Referring to Table 2 and FIGS. 10 and 11, as in the first Example, dimming control is performed in two divided control sections C21 and C22. First, in the first control section C21, mixed light is generated by mixing 6,500 K light having the highest color temperature and 2,700 K light having the next highest color temperature. The first control period C21 is a section from 100% to 40% of the dimming level. In the first control section C21, as the dimming level increases, the brightness of 6,500 K white light having a relatively high color temperature gradually decreases, and the brightness of 2,700 K white light having a relatively low color temperature gradually increases and then decreases again. Next, in the second control section C22, mixed light is generated by mixing light of 2,700 K having an intermediate color temperature and light of 1,700 K having the lowest color temperature. The second control section C22 is a section from the dimming level of 35% to 0%. In this control period C22, as the dimming level increases, the brightness of 2,700 K white light having a relatively high color temperature gradually decreases, and the brightness of 1,700 K amber light having a relatively low color temperature increases and then decreases. By controlling the brightness of each light as described above, the brightness percentage may have a tendency to change non-linearly according to the linear change of the dimming level, so that the user may conceive the brightness to linearly change according to a linear change of the dimming level.

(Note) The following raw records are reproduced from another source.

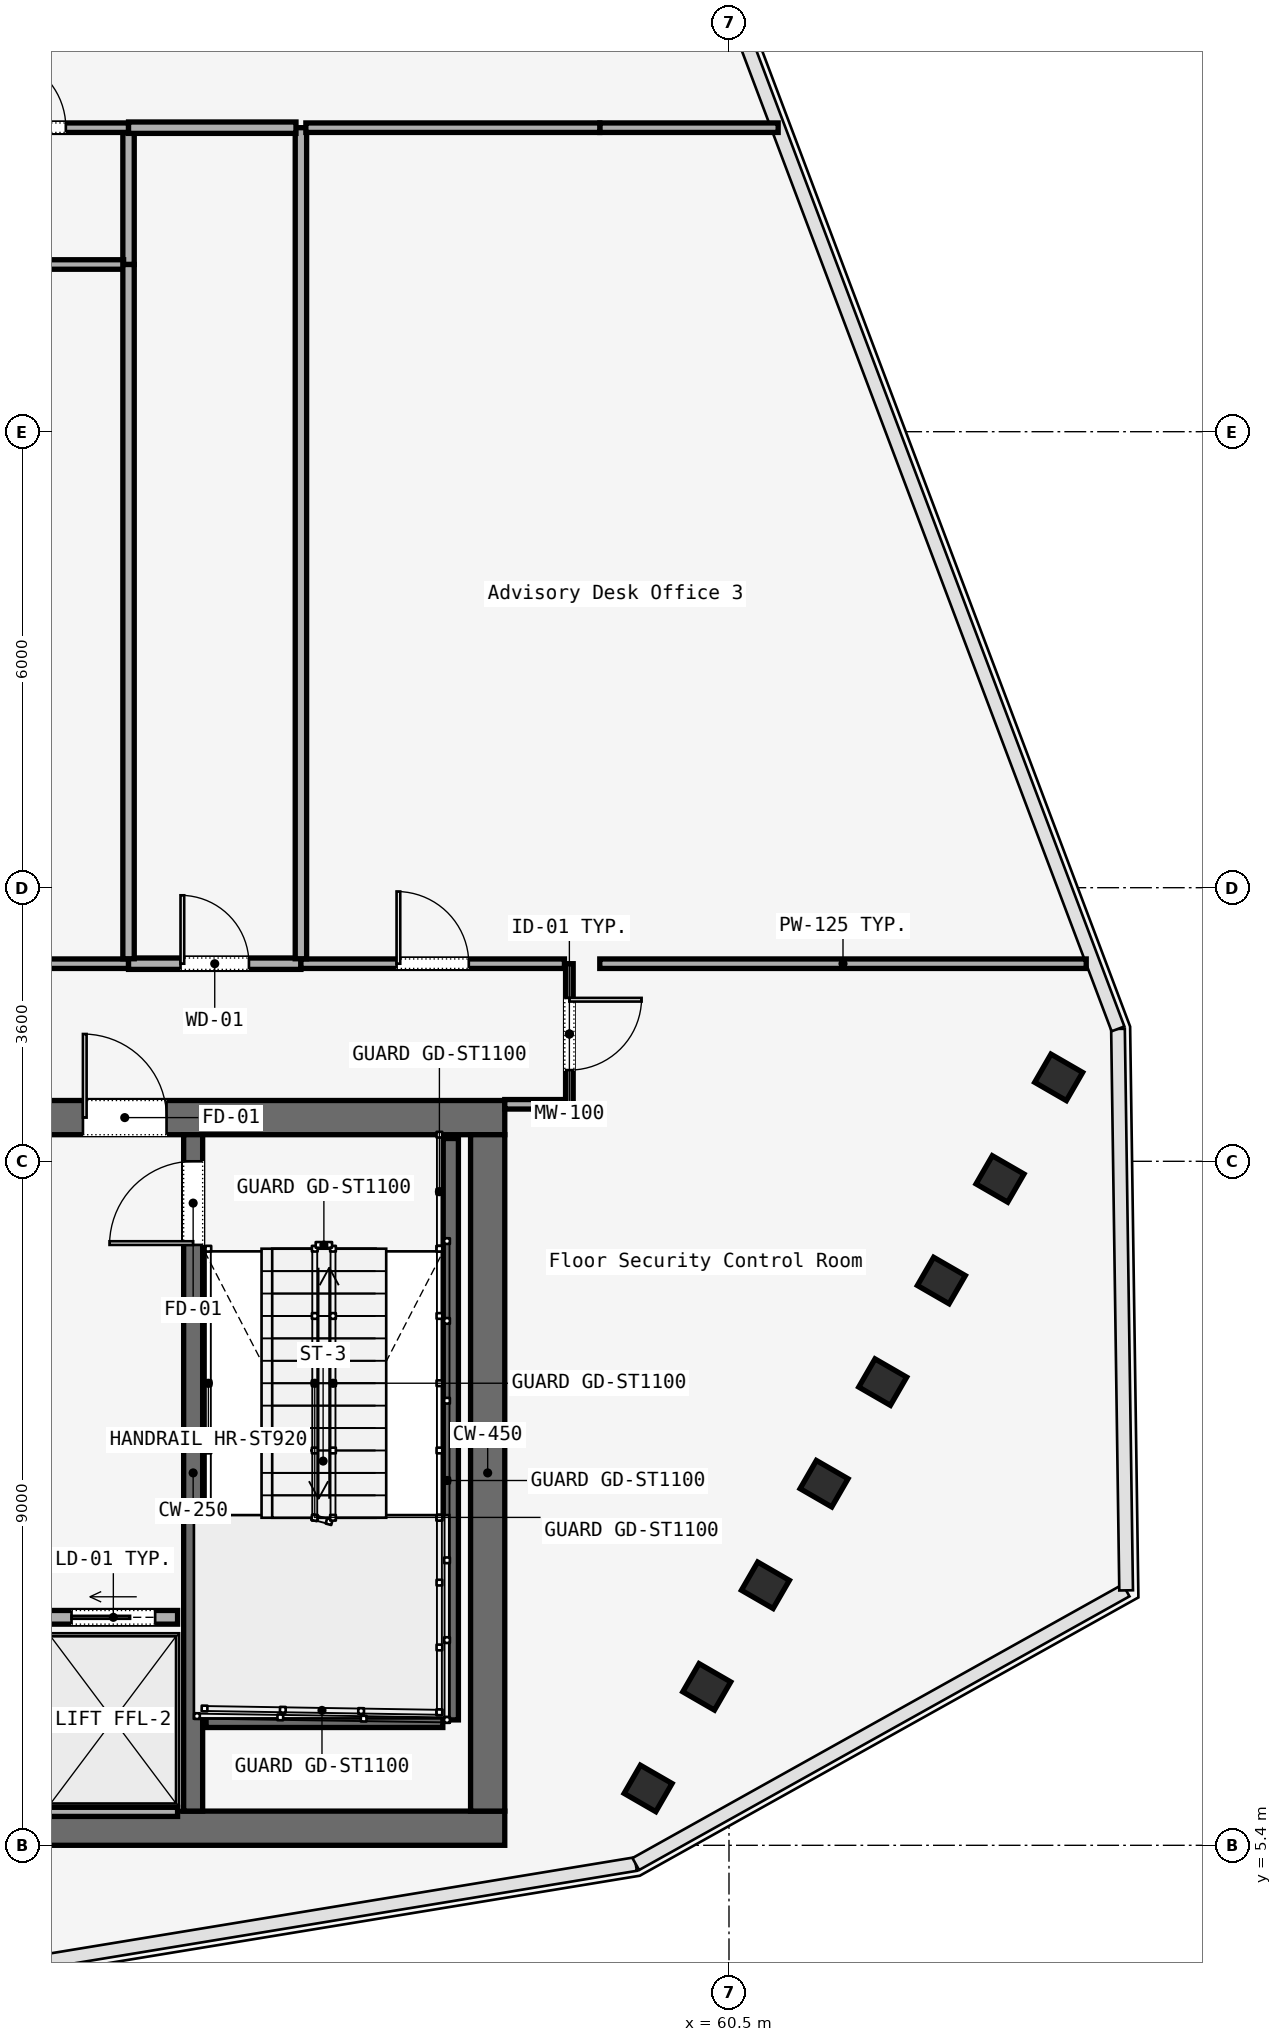
"""IFC4 building model, lengths in metres.
Left out: names, types, materials, properties, quantities, classifications, styles, units other than length and angle.
Written with IfcOpenShell. Run it as: python <this file> out.ifc"""

import sys

from ifc_helpers import new_model, si_unit, direction, frame, frame_2d, origin, origin_2d, place, context, subcontext, project, spatial, rectangle, i_section, extrude, element, fill, save


model = new_model("IFC4")
c1 = context("Model", 3, precision=1e-05, world=origin(), true_north=direction((0.0, 1.0)))
c2 = subcontext(c1, "Body", "Model", "MODEL_VIEW")
j1 = project(units=[si_unit("LENGTHUNIT", "METRE"), si_unit("PLANEANGLEUNIT", "RADIAN")], contexts=[c1])
p1 = place(None, origin())
s1 = spatial("IfcSite", under=j1, at=p1, CompositionType="ELEMENT")
p2 = place(p1, origin())
s2 = spatial("IfcBuilding", under=s1, at=p2, CompositionType="ELEMENT")
p3 = place(p2, frame((0.0, 0.0, 117.4)))
s3 = spatial("IfcBuildingStorey", under=s2, at=p3, CompositionType="ELEMENT", Elevation=117.4)
p4 = place(p3, frame((26.45, 14.975, 0.0), z_axis=(0.0, 0.0, 1.0), x_axis=(1.0, 0.0, 0.0)))
e1 = element("IfcWall", 1, at=p4, inside=s3, PredefinedType="SOLIDWALL", context=c2, shape_type="SweptSolid", body=[
    extrude(rectangle(XDim=31.1, YDim=0.45, at=frame_2d((15.55, 0.0))), origin(), (0.0, 0.0, 1.0), 4.52),
])
p5 = place(p4, frame((1.65, 0.0, 0.0)))
e2 = element("IfcOpeningElement", 2, at=p5, cuts=e1, PredefinedType="OPENING", context=c2, shape_type="SweptSolid", body=[
    extrude(rectangle(XDim=1.1, YDim=2.2, at=frame_2d((0.55, 1.1))), frame((0.0, 0.225, 0.0), z_axis=(0.0, -1.0, 0.0), x_axis=(1.0, 0.0, 0.0)), (0.0, 0.0, 1.0), 0.45),
])
p6 = place(p4, frame((13.65, 0.0, 0.0)))
e3 = element("IfcOpeningElement", 3, at=p6, cuts=e1, PredefinedType="OPENING", context=c2, shape_type="SweptSolid", body=[
    extrude(rectangle(XDim=1.1, YDim=2.2, at=frame_2d((0.55, 1.1))), frame((0.0, 0.225, 0.0), z_axis=(0.0, -1.0, 0.0), x_axis=(1.0, 0.0, 0.0)), (0.0, 0.0, 1.0), 0.45),
])
p7 = place(p4, frame((25.55, 0.0, 0.0)))
e4 = element("IfcOpeningElement", 4, at=p7, cuts=e1, PredefinedType="OPENING", context=c2, shape_type="SweptSolid", body=[
    extrude(rectangle(XDim=1.1, YDim=2.2, at=frame_2d((0.55, 1.1))), frame((0.0, 0.225, 0.0), z_axis=(0.0, -1.0, 0.0), x_axis=(1.0, 0.0, 0.0)), (0.0, 0.0, 1.0), 0.45),
])
p8 = place(p4, frame((10.7, 0.0, 0.0)))
e5 = element("IfcOpeningElement", 5, at=p8, cuts=e1, PredefinedType="OPENING", context=c2, shape_type="SweptSolid", body=[
    extrude(rectangle(XDim=1.4, YDim=2.2, at=frame_2d((0.7, 1.1))), frame((0.0, 0.225, 0.0), z_axis=(0.0, -1.0, 0.0), x_axis=(1.0, 0.0, 0.0)), (0.0, 0.0, 1.0), 0.45),
])
p9 = place(p4, frame((19.35, 0.0, 0.0)))
e6 = element("IfcOpeningElement", 6, at=p9, cuts=e1, PredefinedType="OPENING", context=c2, shape_type="SweptSolid", body=[
    extrude(rectangle(XDim=1.1, YDim=2.2, at=frame_2d((0.55, 1.1))), frame((0.0, 0.225, 0.0), z_axis=(0.0, -1.0, 0.0), x_axis=(1.0, 0.0, 0.0)), (0.0, 0.0, 1.0), 0.45),
])
p10 = place(p4, frame((21.4, 0.0, 0.0)))
e7 = element("IfcOpeningElement", 7, at=p10, cuts=e1, PredefinedType="OPENING", context=c2, shape_type="SweptSolid", body=[
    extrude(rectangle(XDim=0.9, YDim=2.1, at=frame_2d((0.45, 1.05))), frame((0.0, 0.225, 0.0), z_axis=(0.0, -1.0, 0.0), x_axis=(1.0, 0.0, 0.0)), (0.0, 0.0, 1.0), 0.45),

Although preferred embodiments of the present invention have been described in detail above, the scope of the present invention is not limited thereto, and various modifications and improvements by those skilled in the art using the basic concept of the present invention as defined in the following claims are also within the scope of the invention.

INDUSTRIAL APPLICABILITY

The present invention relates to an LED lighting system and has industrial applicability since it can be applied to a lighting device.